Advisers whose clients receive electronic statements from qualified custodians must still form a reasonable belief after due inquiry that the clients are receiving those statements. The adviser may satisfy this requirement by, for example, being copied on the email notifications of account statement postings sent to clients in addition to having access to client statements on the custodian's website, although this is not the exclusive means of forming that reasonable belief (footnote 21 of the Adopting Release). (Modified March 5, 2010.)

Question IV.2

Q: Can an adviser voluntarily continue to send its own quarterly account statements to clients in addition to the statements that the clients receive directly from qualified custodians?

A: Yes. If an adviser voluntarily sends account statements, it must insert a legend required under paragraph (a)(2) of the rule urging the client to compare information provided in its statements with those from the qualified custodian in account opening notices and subsequent statements sent to the client for whom the adviser opens custodial accounts with the qualified custodian. (Modified March 5, 2010.)

Question IV.3

Redesignated as Question XVI.4.

Question IV.4

Q: Is there an example of a report that may be issued by the independent public accountant performing a surprise examination of the adviser?

A: Yes. As stated within the Commission's Guidance for Accountants (see Release No. IA 2969), the surprise examination is a compliance examination to be conducted in accordance with AICPA attestation standards. The AICPA has issued an illustrative surprise examination report to reflect the reporting specified in the Guidance for Accountants. The illustrative report is available on the AICPAs website at https://www.aicpa.org/content/dam/aicpa/interestareas/frc/industryinsights/downloadabledocuments/custody-report-september-1final.
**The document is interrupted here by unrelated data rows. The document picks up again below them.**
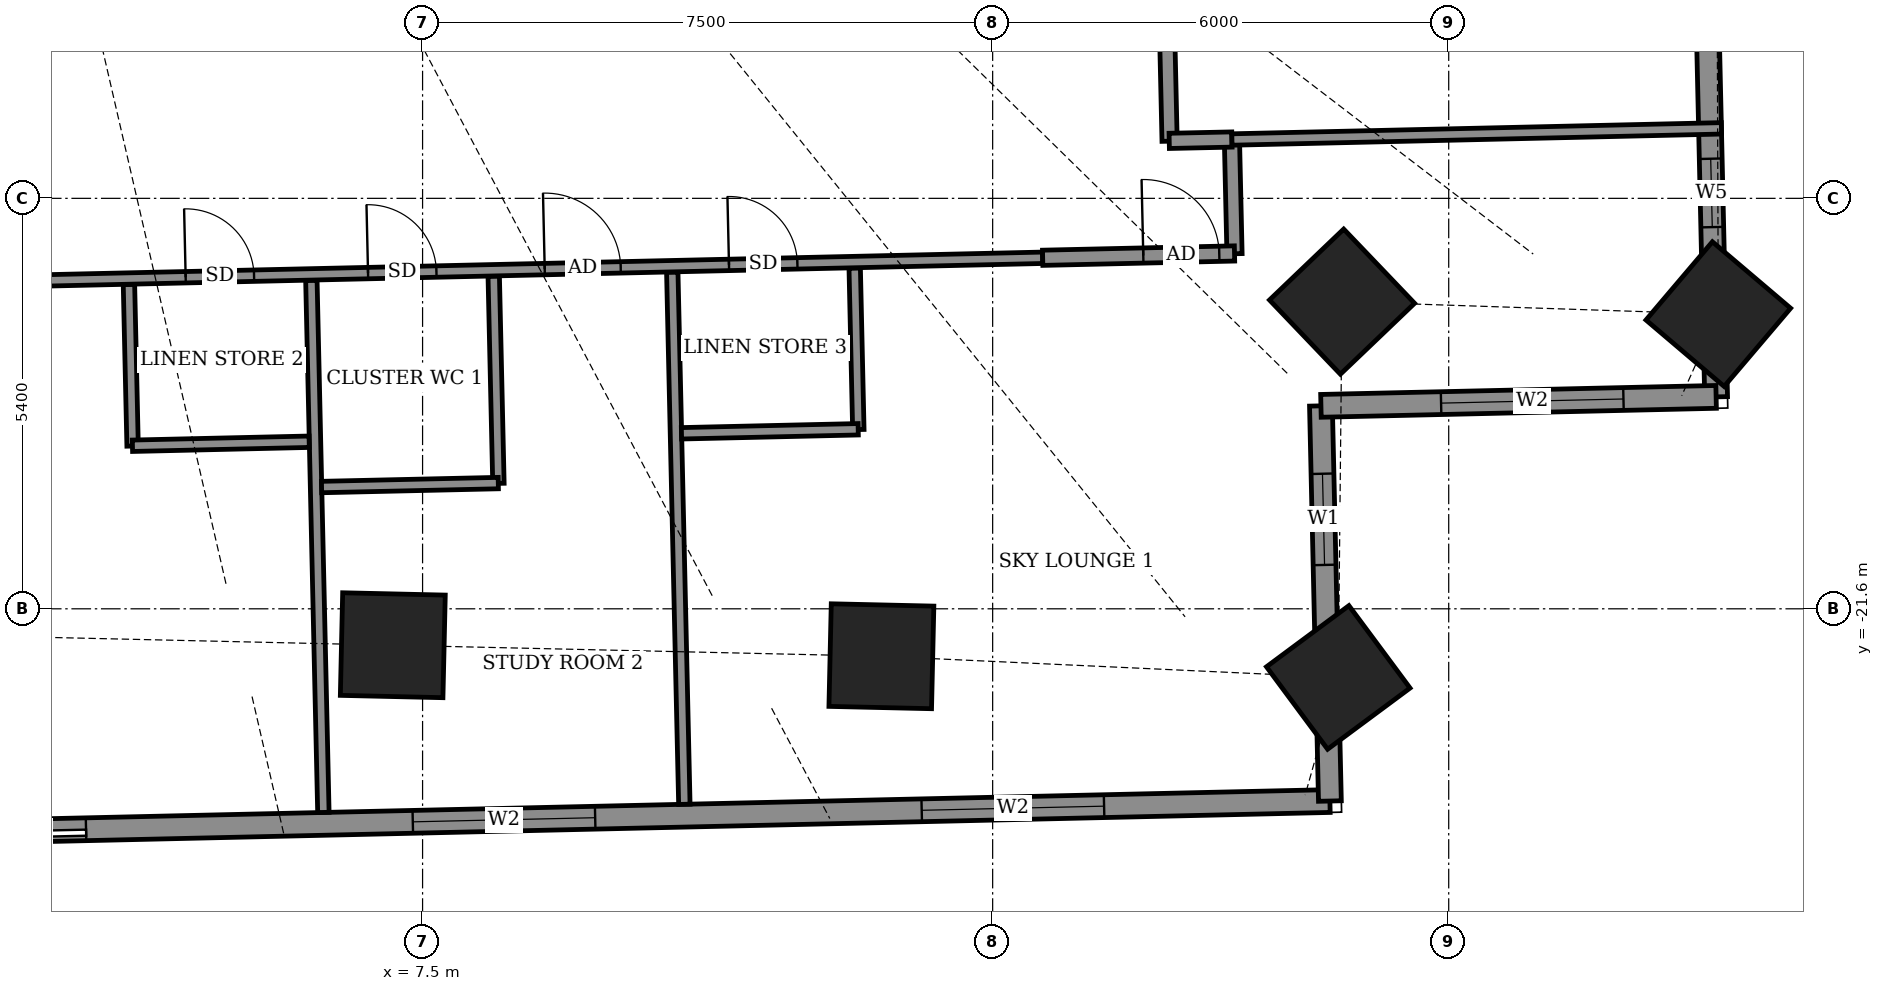
"""IFC4 building model, lengths in metres.
Left out: names, types, materials, properties, quantities, classifications, styles, units other than length and angle.
Written with IfcOpenShell. Run it as: python <this file> out.ifc"""

import sys

from ifc_helpers import new_model, si_unit, direction, frame, frame_2d, origin, origin_2d, place, context, subcontext, project, spatial, rectangle, extrude, element, fill, save


model = new_model("IFC4")
c1 = context("Model", 3, precision=1e-05, world=origin(), true_north=direction((0.0, 1.0)))
c2 = subcontext(c1, "Body", "Model", "MODEL_VIEW")
j1 = project(units=[si_unit("LENGTHUNIT", "METRE"), si_unit("PLANEANGLEUNIT", "RADIAN")], contexts=[c1])
p1 = place(None, origin())
s1 = spatial("IfcSite", under=j1, at=p1, CompositionType="ELEMENT")
p2 = place(p1, origin())
s2 = spatial("IfcBuilding", under=s1, at=p2, CompositionType="ELEMENT")
p3 = place(p2, frame((0.0, 0.0, 125.5)))
s3 = spatial("IfcBuildingStorey", under=s2, at=p3, CompositionType="ELEMENT", Elevation=125.5)
for number, where, z_axis, x_axis in (
    (1, (7.108, -22.079, -0.55), (0.0, 0.0, 1.0), (1.0, -0.023, 0.0)),
    (2, (13.536, -22.224, -0.55), (0.0, 0.0, 1.0), (1.0, -0.023, 0.0)),
    (3, (19.547, -22.503, -0.55), (0.0, 0.0, 1.0), (0.803, 0.596, 0.0)),
    (4, (19.597, -17.559, -0.55), (0.0, 0.0, 1.0), (0.723, 0.691, 0.0)),
    (5, (24.547, -17.723, -0.55), (0.0, 0.0, 1.0), (0.647, 0.762, 0.0)),
):
    element("IfcColumn", number, at=place(p3, frame(where, z_axis=z_axis, x_axis=x_axis)), inside=s3, PredefinedType="COLUMN", context=c2, shape_type="SweptSolid", body=[
        extrude(rectangle(XDim=1.35, YDim=1.35, at=origin_2d()), origin(), (0.0, 0.0, 1.0), 4.6),
    ])
p4 = place(p3, frame((24.518, -18.812, 0.0), z_axis=(0.0, 0.0, 1.0), x_axis=(-0.02269451316, 0.999742446369, 0.0)))
e6 = element("IfcWall", 6, at=p4, inside=s3, PredefinedType="SOLIDWALL", context=c2, shape_type="SweptSolid", body=[
    extrude(rectangle(XDim=10.93, YDim=0.3, at=frame_2d((5.465, 0.0))), origin(), (0.0, 0.0, 1.0), 2.65),
])
p5 = place(p4, frame((2.234, 0.0, 0.9)))
e7 = element("IfcOpeningElement", 7, at=p5, cuts=e6, PredefinedType="OPENING", context=c2, shape_type="SweptSolid", body=[
    extrude(rectangle(XDim=0.9, YDim=1.5, at=frame_2d((0.45, 0.75))), frame((0.0, 0.16, 0.0), z_axis=(0.0, -1.0, 0.0), x_axis=(1.0, 0.0, 0.0)), (0.0, 0.0, 1.0), 0.32),
])
p6 = place(p4, frame((8.328, 0.0, 0.0)))
e8 = element("IfcOpeningElement", 8, at=p6, cuts=e6, PredefinedType="OPENING", context=c2, shape_type="SweptSolid", body=[
    extrude(rectangle(XDim=1.5, YDim=2.4, at=frame_2d((0.75, 1.2))), frame((0.0, 0.16, 0.0), z_axis=(0.0, -1.0, 0.0), x_axis=(1.0, 0.0, 0.0)), (0.0, 0.0, 1.0), 0.32),
])
p7 = place(p3, frame((-22.396, -25.078, 0.0), z_axis=(0.0, 0.0, 1.0), x_axis=(0.99974279854, 0.022678993965, 0.0)))
e9 = element("IfcWall", 9, at=p7, inside=s3, PredefinedType="SOLIDWALL", context=c2, shape_type="SweptSolid", body=[
    extrude(rectangle(XDim=41.844, YDim=0.3, at=frame_2d((20.922, 0.0))), origin(), (0.0, 0.0, 1.0), 2.75),
])
p8 = place(p7, frame((1.475, 0.0, 0.0)))
e10 = element("IfcOpeningElement", 10, at=p8, cuts=e9, PredefinedType="OPENING", context=c2, shape_type="SweptSolid", body=[
    extrude(rectangle(XDim=1.5, YDim=2.4, at=frame_2d((0.75, 1.2))), frame((0.0, 0.16, 0.0), z_axis=(0.0, -1.0, 0.0), x_axis=(1.0, 0.0, 0.0)), (0.0, 0.0, 1.0), 0.32),
])
p9 = place(p7, frame((6.475, 0.0, 0.9)))
e11 = element("IfcOpeningElement", 11, at=p9, cuts=e9, PredefinedType="OPENING", context=c2, shape_type="SweptSolid", body=[
    extrude(rectangle(XDim=2.4, YDim=1.5, at=frame_2d((1.2, 0.75))), frame((0.0, 0.16, 0.0), z_axis=(0.0, -1.0, 0.0), x_axis=(1.0, 0.0, 0.0)), (0.0, 0.0, 1.0), 0.32),
])
p10 = place(p7, frame((12.525, 0.0, 0.0)))
e12 = element("IfcOpeningElement", 12, at=p10, cuts=e9, PredefinedType="OPENING", context=c2, shape_type="SweptSolid", body=[
    extrude(rectangle(XDim=1.5, YDim=2.4, at=frame_2d((0.75, 1.2))), frame((0.0, 0.16, 0.0), z_axis=(0.0, -1.0, 0.0), x_axis=(1.0, 0.0, 0.0)), (0.0, 0.0, 1.0), 0.32),
])
p11 = place(p7, frame((17.575, 0.0, 0.0)))
e13 = element("IfcOpeningElement", 13, at=p11, cuts=e9, PredefinedType="OPENING", context=c2, shape_type="SweptSolid", body=[
    extrude(rectangle(XDim=1.5, YDim=2.4, at=frame_2d((0.75, 1.2))), frame((0.0, 0.16, 0.0), z_axis=(0.0, -1.0, 0.0), x_axis=(1.0, 0.0, 0.0)), (0.0, 0.0, 1.0), 0.32),
])
p12 = place(p7, frame((23.975, 0.0, 0.0)))
e14 = element("IfcOpeningElement", 14, at=p12, cuts=e9, PredefinedType="OPENING", context=c2, shape_type="SweptSolid", body=[
    extrude(rectangle(XDim=1.5, YDim=2.4, at=frame_2d((0.75, 1.2))), frame((0.0, 0.16, 0.0), z_axis=(0.0, -1.0, 0.0), x_axis=(1.0, 0.0, 0.0)), (0.0, 0.0, 1.0), 0.32),
])
p13 = place(p7, frame((29.775, 0.0, 0.9)))
e15 = element("IfcOpeningElement", 15, at=p13, cuts=e9, PredefinedType="OPENING", context=c2, shape_type="SweptSolid", body=[
    extrude(rectangle(XDim=2.4, YDim=1.5, at=frame_2d((1.2, 0.75))), frame((0.0, 0.16, 0.0), z_axis=(0.0, -1.0, 0.0), x_axis=(1.0, 0.0, 0.0)), (0.0, 0.0, 1.0), 0.32),
])
p14 = place(p7, frame((36.472, 0.0, 0.9)))
e16 = element("IfcOpeningElement", 16, at=p14, cuts=e9, PredefinedType="OPENING", context=c2, shape_type="SweptSolid", body=[
    extrude(rectangle(XDim=2.4, YDim=1.5, at=frame_2d((1.2, 0.75))), frame((0.0, 0.16, 0.0), z_axis=(0.0, -1.0, 0.0), x_axis=(1.0, 0.0, 0.0)), (0.0, 0.0, 1.0), 0.32),
])
p15 = place(p3, frame((19.437, -24.129, 0.0), z_axis=(0.0, 0.0, 1.0), x_axis=(-0.022675548694, 0.99974287669, 0.0)))
e17 = element("IfcWall", 17, at=p15, inside=s3, PredefinedType="SOLIDWALL", context=c2, shape_type="SweptSolid", body=[
    extrude(rectangle(XDim=5.2, YDim=0.3, at=frame_2d((2.6, 0.0))), origin(), (0.0, 0.0, 1.0), 2.65),
])
p16 = place(p15, frame((3.107, 0.0, 0.9)))
e18 = element("IfcOpeningElement", 18, at=p16, cuts=e17, PredefinedType="OPENING", context=c2, shape_type="SweptSolid", body=[
    extrude(rectangle(XDim=1.2, YDim=1.5, at=frame_2d((0.6, 0.75))), frame((0.0, 0.16, 0.0), z_axis=(0.0, -1.0, 0.0), x_axis=(1.0, 0.0, 0.0)), (0.0, 0.0, 1.0), 0.32),
])
p17 = place(p3, frame((19.319, -18.93, 0.0), z_axis=(0.0, 0.0, 1.0), x_axis=(0.99974287669, 0.022675548694, 0.0)))
e19 = element("IfcWall", 19, at=p17, inside=s3, PredefinedType="SOLIDWALL", context=c2, shape_type="SweptSolid", body=[
    extrude(rectangle(XDim=5.2, YDim=0.3, at=frame_2d((2.6, 0.0))), origin(), (0.0, 0.0, 1.0), 2.65),
])
p18 = place(p17, frame((1.581, 0.0, 0.9)))
e20 = element("IfcOpeningElement", 20, at=p18, cuts=e19, PredefinedType="OPENING", context=c2, shape_type="SweptSolid", body=[
    extrude(rectangle(XDim=2.4, YDim=1.5, at=frame_2d((1.2, 0.75))), frame((0.0, 0.16, 0.0), z_axis=(0.0, -1.0, 0.0), x_axis=(1.0, 0.0, 0.0)), (0.0, 0.0, 1.0), 0.32),
])
p19 = place(p3, frame((6.195, -24.279, 0.0), z_axis=(0.0, 0.0, 1.0), x_axis=(-0.022562972274, 0.999745423737, 0.0)))
e21 = element("IfcWall", 21, at=p19, inside=s3, PredefinedType="PARTITIONING", context=c2, shape_type="SweptSolid", body=[
    extrude(rectangle(XDim=7.001, YDim=0.15, at=frame_2d((3.5, 0.0))), origin(), (0.0, 0.0, 1.0), 2.65),
])
p20 = place(p3, frame((10.944, -24.172, 0.0), z_axis=(0.0, 0.0, 1.0), x_axis=(-0.022734078158, 0.999741547446, 0.0)))
e22 = element("IfcWall", 22, at=p20, inside=s3, PredefinedType="PARTITIONING", context=c2, shape_type="SweptSolid", body=[
    extrude(rectangle(XDim=7.002, YDim=0.15, at=frame_2d((3.501, 0.0))), origin(), (0.0, 0.0, 1.0), 2.65),
])
p21 = place(p3, frame((8.498, -19.95, 0.0), z_axis=(0.0, 0.0, 1.0), x_axis=(-0.022751926344, 0.99974114142, 0.0)))
e23 = element("IfcWall", 23, at=p21, inside=s3, PredefinedType="PARTITIONING", context=c2, shape_type="SweptSolid", body=[
    extrude(rectangle(XDim=2.726, YDim=0.15, at=frame_2d((1.363, 0.0))), origin(), (0.0, 0.0, 1.0), 2.85),
])
p22 = place(p3, frame((6.171, -19.998, 0.0), z_axis=(0.0, 0.0, 1.0), x_axis=(0.999750007167, 0.022358961731, 0.0)))
e24 = element("IfcWall", 24, at=p22, inside=s3, PredefinedType="PARTITIONING", context=c2, shape_type="SweptSolid", body=[
    extrude(rectangle(XDim=2.326, YDim=0.15, at=frame_2d((1.163, 0.0))), origin(), (0.0, 0.0, 1.0), 4.05),
])
p23 = place(p3, frame((3.685, -19.459, 0.0), z_axis=(0.0, 0.0, 1.0), x_axis=(-0.022627477169, 0.999743965862, 0.0)))
e25 = element("IfcWall", 25, at=p23, inside=s3, PredefinedType="PARTITIONING", context=c2, shape_type="SweptSolid", body=[
    extrude(rectangle(XDim=2.125, YDim=0.15, at=frame_2d((1.063, 0.0))), origin(), (0.0, 0.0, 1.0), 2.85),
])
p24 = place(p3, frame((13.233, -19.242, 0.0), z_axis=(0.0, 0.0, 1.0), x_axis=(-0.022523020646, 0.999746324595, 0.0)))
e26 = element("IfcWall", 26, at=p24, inside=s3, PredefinedType="PARTITIONING", context=c2, shape_type="SweptSolid", body=[
    extrude(rectangle(XDim=2.125, YDim=0.15, at=frame_2d((1.062, 0.0))), origin(), (0.0, 0.0, 1.0), 2.75),
])
for number, where, z_axis, x_axis in (
    (27, (3.683, -19.455, 0.0), (0.0, 0.0, 1.0), (1.0, 0.023, 0.0)),
    (28, (10.906, -19.291, 0.0), (0.0, 0.0, 1.0), (1.0, 0.023, 0.0)),
):
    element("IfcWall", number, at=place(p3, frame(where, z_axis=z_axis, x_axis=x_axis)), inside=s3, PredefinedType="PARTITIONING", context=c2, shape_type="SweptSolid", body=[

Additionally, the AICPA published this illustrative surprise examination report in the May 2010 edition of the Audit and Accounting Guide — Investment Companies. (Posted September 9, 2010)

Question IV.5

Q: The Guidance for Accountants (http://www.sec.gov/rules/interp/2009/ia-2969.pdf) states that the accountant's surprise examination report must include an opinion as to whether the investment adviser had been complying with rule 204-2(b) since the prior examination date. When an investment adviser becomes subject to the surprise examination requirement for the first time, what period should such opinion cover?

A: The accountant should report on the investment adviser's compliance with rule 204-2(b) for a period beginning no later than the date the adviser became subject to the surprise examination requirement through the examination date. (Posted December 2, 2010)

Question IV.6.A

Q: Who must file Form ADV-E and the certificate of accounting (surprise examination report)?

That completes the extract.